3. Cette pratique avait essentiellement pour objectif d’accroître la « tolérance sociale » des habitants des zones avoisinant celles occupées par les loups par rapport à la présence de ceux‑ci, dans le but de réduire le braconnage et d’améliorer ainsi l’état de conservation de la population de loups.
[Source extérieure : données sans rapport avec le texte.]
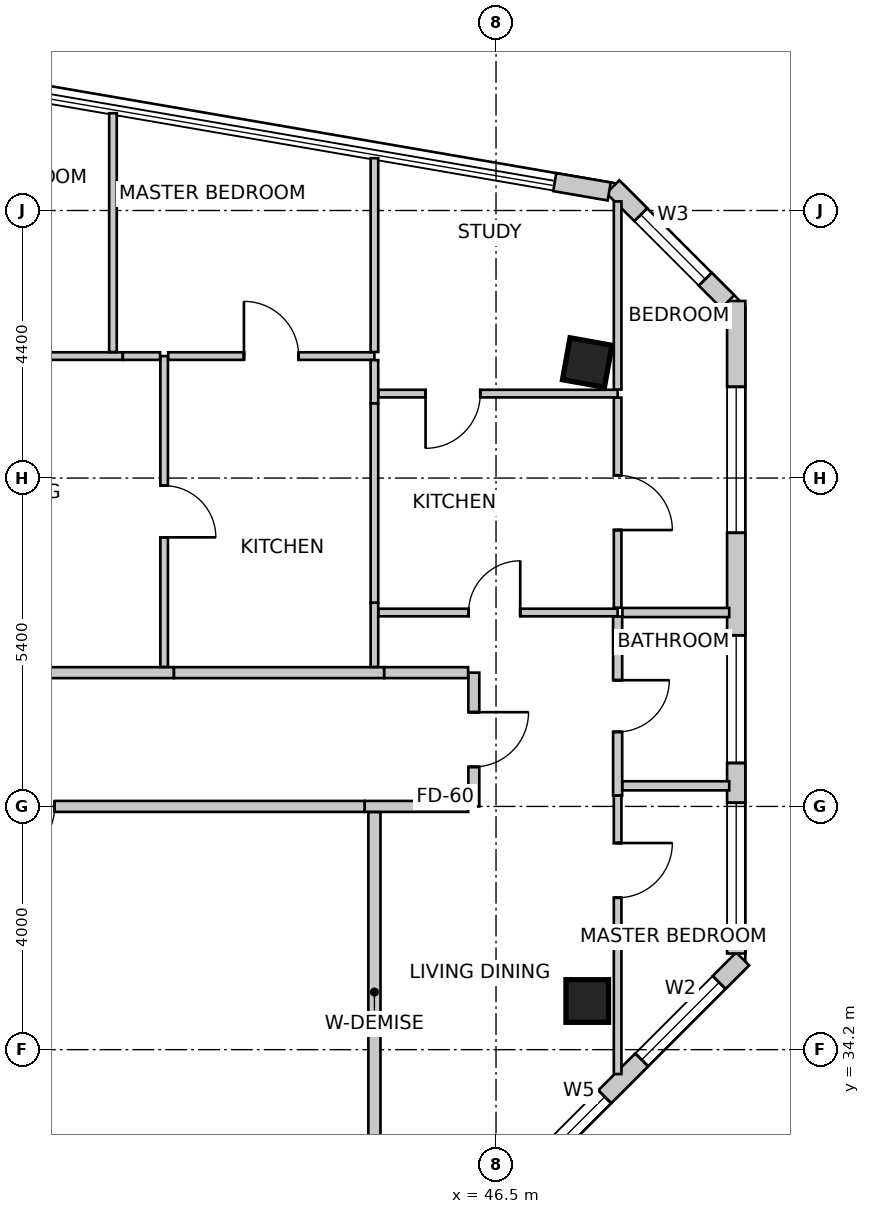
"""IFC4 building model, lengths in metres.
Left out: names, types, materials, properties, quantities, classifications, styles, units other than length and angle.
Written with IfcOpenShell. Run it as: python <this file> out.ifc"""

import sys

from ifc_helpers import new_model, si_unit, direction, frame, frame_2d, origin, origin_2d, place, context, subcontext, project, spatial, rectangle, extrude, source, transform, mapped, element, fill, save


model = new_model("IFC4")
c1 = context("Model", 3, precision=1e-05, world=origin(), true_north=direction((0.0, 1.0)))
c2 = subcontext(c1, "Body", "Model", "MODEL_VIEW")
j1 = project(units=[si_unit("LENGTHUNIT", "METRE"), si_unit("PLANEANGLEUNIT", "RADIAN")], contexts=[c1])
p1 = place(None, origin())
s1 = spatial("IfcSite", under=j1, at=p1, CompositionType="ELEMENT")
p2 = place(p1, origin())
s2 = spatial("IfcBuilding", under=s1, at=p2, CompositionType="ELEMENT")
p3 = place(p2, frame((0.0, 0.0, 200.9)))
s3 = spatial("IfcBuildingStorey", under=s2, at=p3, CompositionType="ELEMENT", Elevation=200.9)
m1 = source(origin(), c2, "Body", "SweptSolid", [
    extrude(rectangle(XDim=0.7, YDim=0.7, at=origin_2d()), origin(), (0.0, 0.0, 1.0), 3.5),
])
for number, where, z_axis, x_axis in (
    (1, (48.0, 45.5, 0.0), (0.0, 0.0, 1.0), (0.984, -0.177, 0.0)),
    (2, (48.0, 35.0, 0.0), (0.0, 0.0, 1.0), (1.0, 0.0, 0.0)),
):
    element("IfcColumn", number, at=place(p3, frame(where, z_axis=z_axis, x_axis=x_axis)), inside=s3, PredefinedType="COLUMN", context=c2, shape_type="MappedRepresentation", body=[
        mapped(m1, transform((0.0, 0.0, 0.0), scale=1.0)),
    ])
p4 = place(p3, frame((47.076, 32.212, 0.0), z_axis=(0.0, 0.0, 1.0), x_axis=(0.707106781187, 0.707106781187, 0.0)))
e3 = element("IfcWall", 3, at=p4, inside=s3, PredefinedType="SOLIDWALL", context=c2, shape_type="SweptSolid", body=[
    extrude(rectangle(XDim=4.922, YDim=0.3, at=frame_2d((2.461, 0.0))), origin(), (0.0, 0.0, 1.0), 3.25),
])
m2 = source(origin(), c2, "Body", "SweptSolid", [
    extrude(rectangle(XDim=1.2, YDim=1.6, at=frame_2d((0.6, 0.8))), frame((0.0, 0.16, 0.0), z_axis=(0.0, -1.0, 0.0), x_axis=(1.0, 0.0, 0.0)), (0.0, 0.0, 1.0), 0.32),
])
p5 = place(p4, frame((0.515, 0.0, 0.85)))
e4 = element("IfcOpeningElement", 4, at=p5, cuts=e3, PredefinedType="OPENING", context=c2, shape_type="MappedRepresentation", body=[
    mapped(m2, transform((0.0, 0.0, 0.0), scale=1.0)),
])
m3 = source(origin(), c2, "Body", "SweptSolid", [
    extrude(rectangle(XDim=1.8, YDim=2.1, at=frame_2d((0.9, 1.05))), frame((0.0, 0.16, 0.0), z_axis=(0.0, -1.0, 0.0), x_axis=(1.0, 0.0, 0.0)), (0.0, 0.0, 1.0), 0.32),
])
p6 = place(p4, frame((2.575, 0.0, 0.85)))
e5 = element("IfcOpeningElement", 5, at=p6, cuts=e3, PredefinedType="OPENING", context=c2, shape_type="MappedRepresentation", body=[
    mapped(m3, transform((0.0, 0.0, 0.0), scale=1.0)),
])
p7 = place(p3, frame((50.45, 35.781, 0.0), z_axis=(0.0, 0.0, 1.0), x_axis=(0.0, 1.0, 0.0)))
e6 = element("IfcWall", 6, at=p7, inside=s3, PredefinedType="SOLIDWALL", context=c2, shape_type="SweptSolid", body=[
    extrude(rectangle(XDim=10.731, YDim=0.3, at=frame_2d((5.365, 0.0))), origin(), (0.0, 0.0, 1.0), 3.25),
])
m4 = source(origin(), c2, "Body", "SweptSolid", [
    extrude(rectangle(XDim=2.1, YDim=2.0, at=frame_2d((1.05, 1.0))), frame((0.0, 0.16, 0.0), z_axis=(0.0, -1.0, 0.0), x_axis=(1.0, 0.0, 0.0)), (0.0, 0.0, 1.0), 0.32),
])
p8 = place(p7, frame((0.379, 0.0, 0.85)))
e7 = element("IfcOpeningElement", 7, at=p8, cuts=e6, PredefinedType="OPENING", context=c2, shape_type="MappedRepresentation", body=[
    mapped(m4, transform((0.0, 0.0, 0.0), scale=1.0)),
])
p9 = place(p7, frame((3.133, 0.0, 0.85)))
e8 = element("IfcOpeningElement", 8, at=p9, cuts=e6, PredefinedType="OPENING", context=c2, shape_type="MappedRepresentation", body=[
    mapped(m4, transform((0.0, 0.0, 0.0), scale=1.0)),
])
m5 = source(origin(), c2, "Body", "SweptSolid", [
    extrude(rectangle(XDim=2.4, YDim=2.2, at=frame_2d((1.2, 1.1))), frame((0.0, 0.16, 0.0), z_axis=(0.0, -1.0, 0.0), x_axis=(1.0, 0.0, 0.0)), (0.0, 0.0, 1.0), 0.32),
])
p10 = place(p7, frame((6.919, 0.0, 0.85)))
e9 = element("IfcOpeningElement", 9, at=p10, cuts=e6, PredefinedType="OPENING", context=c2, shape_type="MappedRepresentation", body=[
    mapped(m5, transform((0.0, 0.0, 0.0), scale=1.0)),
])
p11 = place(p3, frame((50.312, 46.5, 0.0), z_axis=(0.0, 0.0, 1.0), x_axis=(-0.707106781187, 0.707106781187, 0.0)))
e10 = element("IfcWall", 10, at=p11, inside=s3, PredefinedType="SOLIDWALL", context=c2, shape_type="SweptSolid", body=[
    extrude(rectangle(XDim=2.673, YDim=0.3, at=frame_2d((1.337, 0.0))), origin(), (0.0, 0.0, 1.0), 3.25),
])
m6 = source(origin(), c2, "Body", "SweptSolid", [
    extrude(rectangle(XDim=1.5, YDim=1.8, at=frame_2d((0.75, 0.9))), frame((0.0, 0.16, 0.0), z_axis=(0.0, -1.0, 0.0), x_axis=(1.0, 0.0, 0.0)), (0.0, 0.0, 1.0), 0.32),
])
p12 = place(p11, frame((0.524, 0.0, 0.85)))
e11 = element("IfcOpeningElement", 11, at=p12, cuts=e10, PredefinedType="OPENING", context=c2, shape_type="MappedRepresentation", body=[
    mapped(m6, transform((0.0, 0.0, 0.0), scale=1.0)),
])
p13 = place(p3, frame((48.361, 48.313, 0.0), z_axis=(0.0, 0.0, 1.0), x_axis=(-0.985560806516, 0.169321872949, 0.0)))
e12 = element("IfcWall", 12, at=p13, inside=s3, PredefinedType="SOLIDWALL", context=c2, shape_type="SweptSolid", body=[
    extrude(rectangle(XDim=0.908, YDim=0.3, at=frame_2d((0.454, 0.0))), origin(), (0.0, 0.0, 1.0), 3.25),
])
p14 = place(p3, frame((33.244, 40.4, 0.0), z_axis=(0.0, 0.0, 1.0), x_axis=(1.0, 0.0, 0.0)))
e13 = element("IfcWall", 13, at=p14, inside=s3, PredefinedType="PARTITIONING", context=c2, shape_type="SweptSolid", body=[
    extrude(rectangle(XDim=7.958, YDim=0.18, at=frame_2d((3.979, 0.0))), origin(), (0.0, 0.0, 1.0), 2.766),
])
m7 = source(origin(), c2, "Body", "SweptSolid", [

La juridiction de renvoi cherche à savoir si, et le cas échéant à quelles conditions, les États membres peuvent autoriser la chasse de gestion sur le fondement de l’article 16, paragraphe 1, sous e), de la directive habitats. Cette disposition permet, dans le respect d’un certain nombre de conditions, aux États membres de déroger à leur obligation d’assurer l’interdiction de mise à mort intentionnelle des loups en tant que spécimens d’une espèce strictement protégée au titre de cette directive.

II. Le cadre juridique

A. Le droit de l’Union

4. Aux termes de l’article 1er, sous g), de la directive habitats, les « espèces d’intérêt communautaire » sont celles qui, sur le territoire visé à l’article 2 de cette directive, sont « en danger », « vulnérables », « rares » ou « endémiques et [requérant] une attention particulière en raison de la spécificité de leur habitat et/ou des incidences potentielles de leur exploitation sur leur état de conservation ». Ces espèces « figurent ou sont susceptibles de figurer à l’annexe II et/ou IV ou V ».

5. L’article 1er, sous i), de ladite directive définit l’« état de conservation d’une espèce » comme « l’effet de l’ensemble des influences qui, agissant sur l’espèce, peuvent affecter à long terme la répartition et l’importance de ses populations sur le territoire visé à l’article 2 » et énonce les critères permettant de considérer l’état de conservation d’une espèce comme étant « favorable ».

6. L’article 2 de la même directive dispose :

« 1. La présente directive a pour objet de contribuer à assurer la biodiversité par la conservation des habitats naturels ainsi que de la faune et de la flore sauvages sur le territoire européen des États membres où le traité s’applique.

2. Les mesures prises en vertu de la présente directive visent à assurer le maintien ou le rétablissement, dans un état de conservation favorable, des habitats naturels et des espèces de faune et de flore sauvages d’intérêt communautaire.

3. Les mesures prises en vertu de la présente directive tiennent compte des exigences économiques, sociales et culturelles, ainsi que des particularités régionales et locales. »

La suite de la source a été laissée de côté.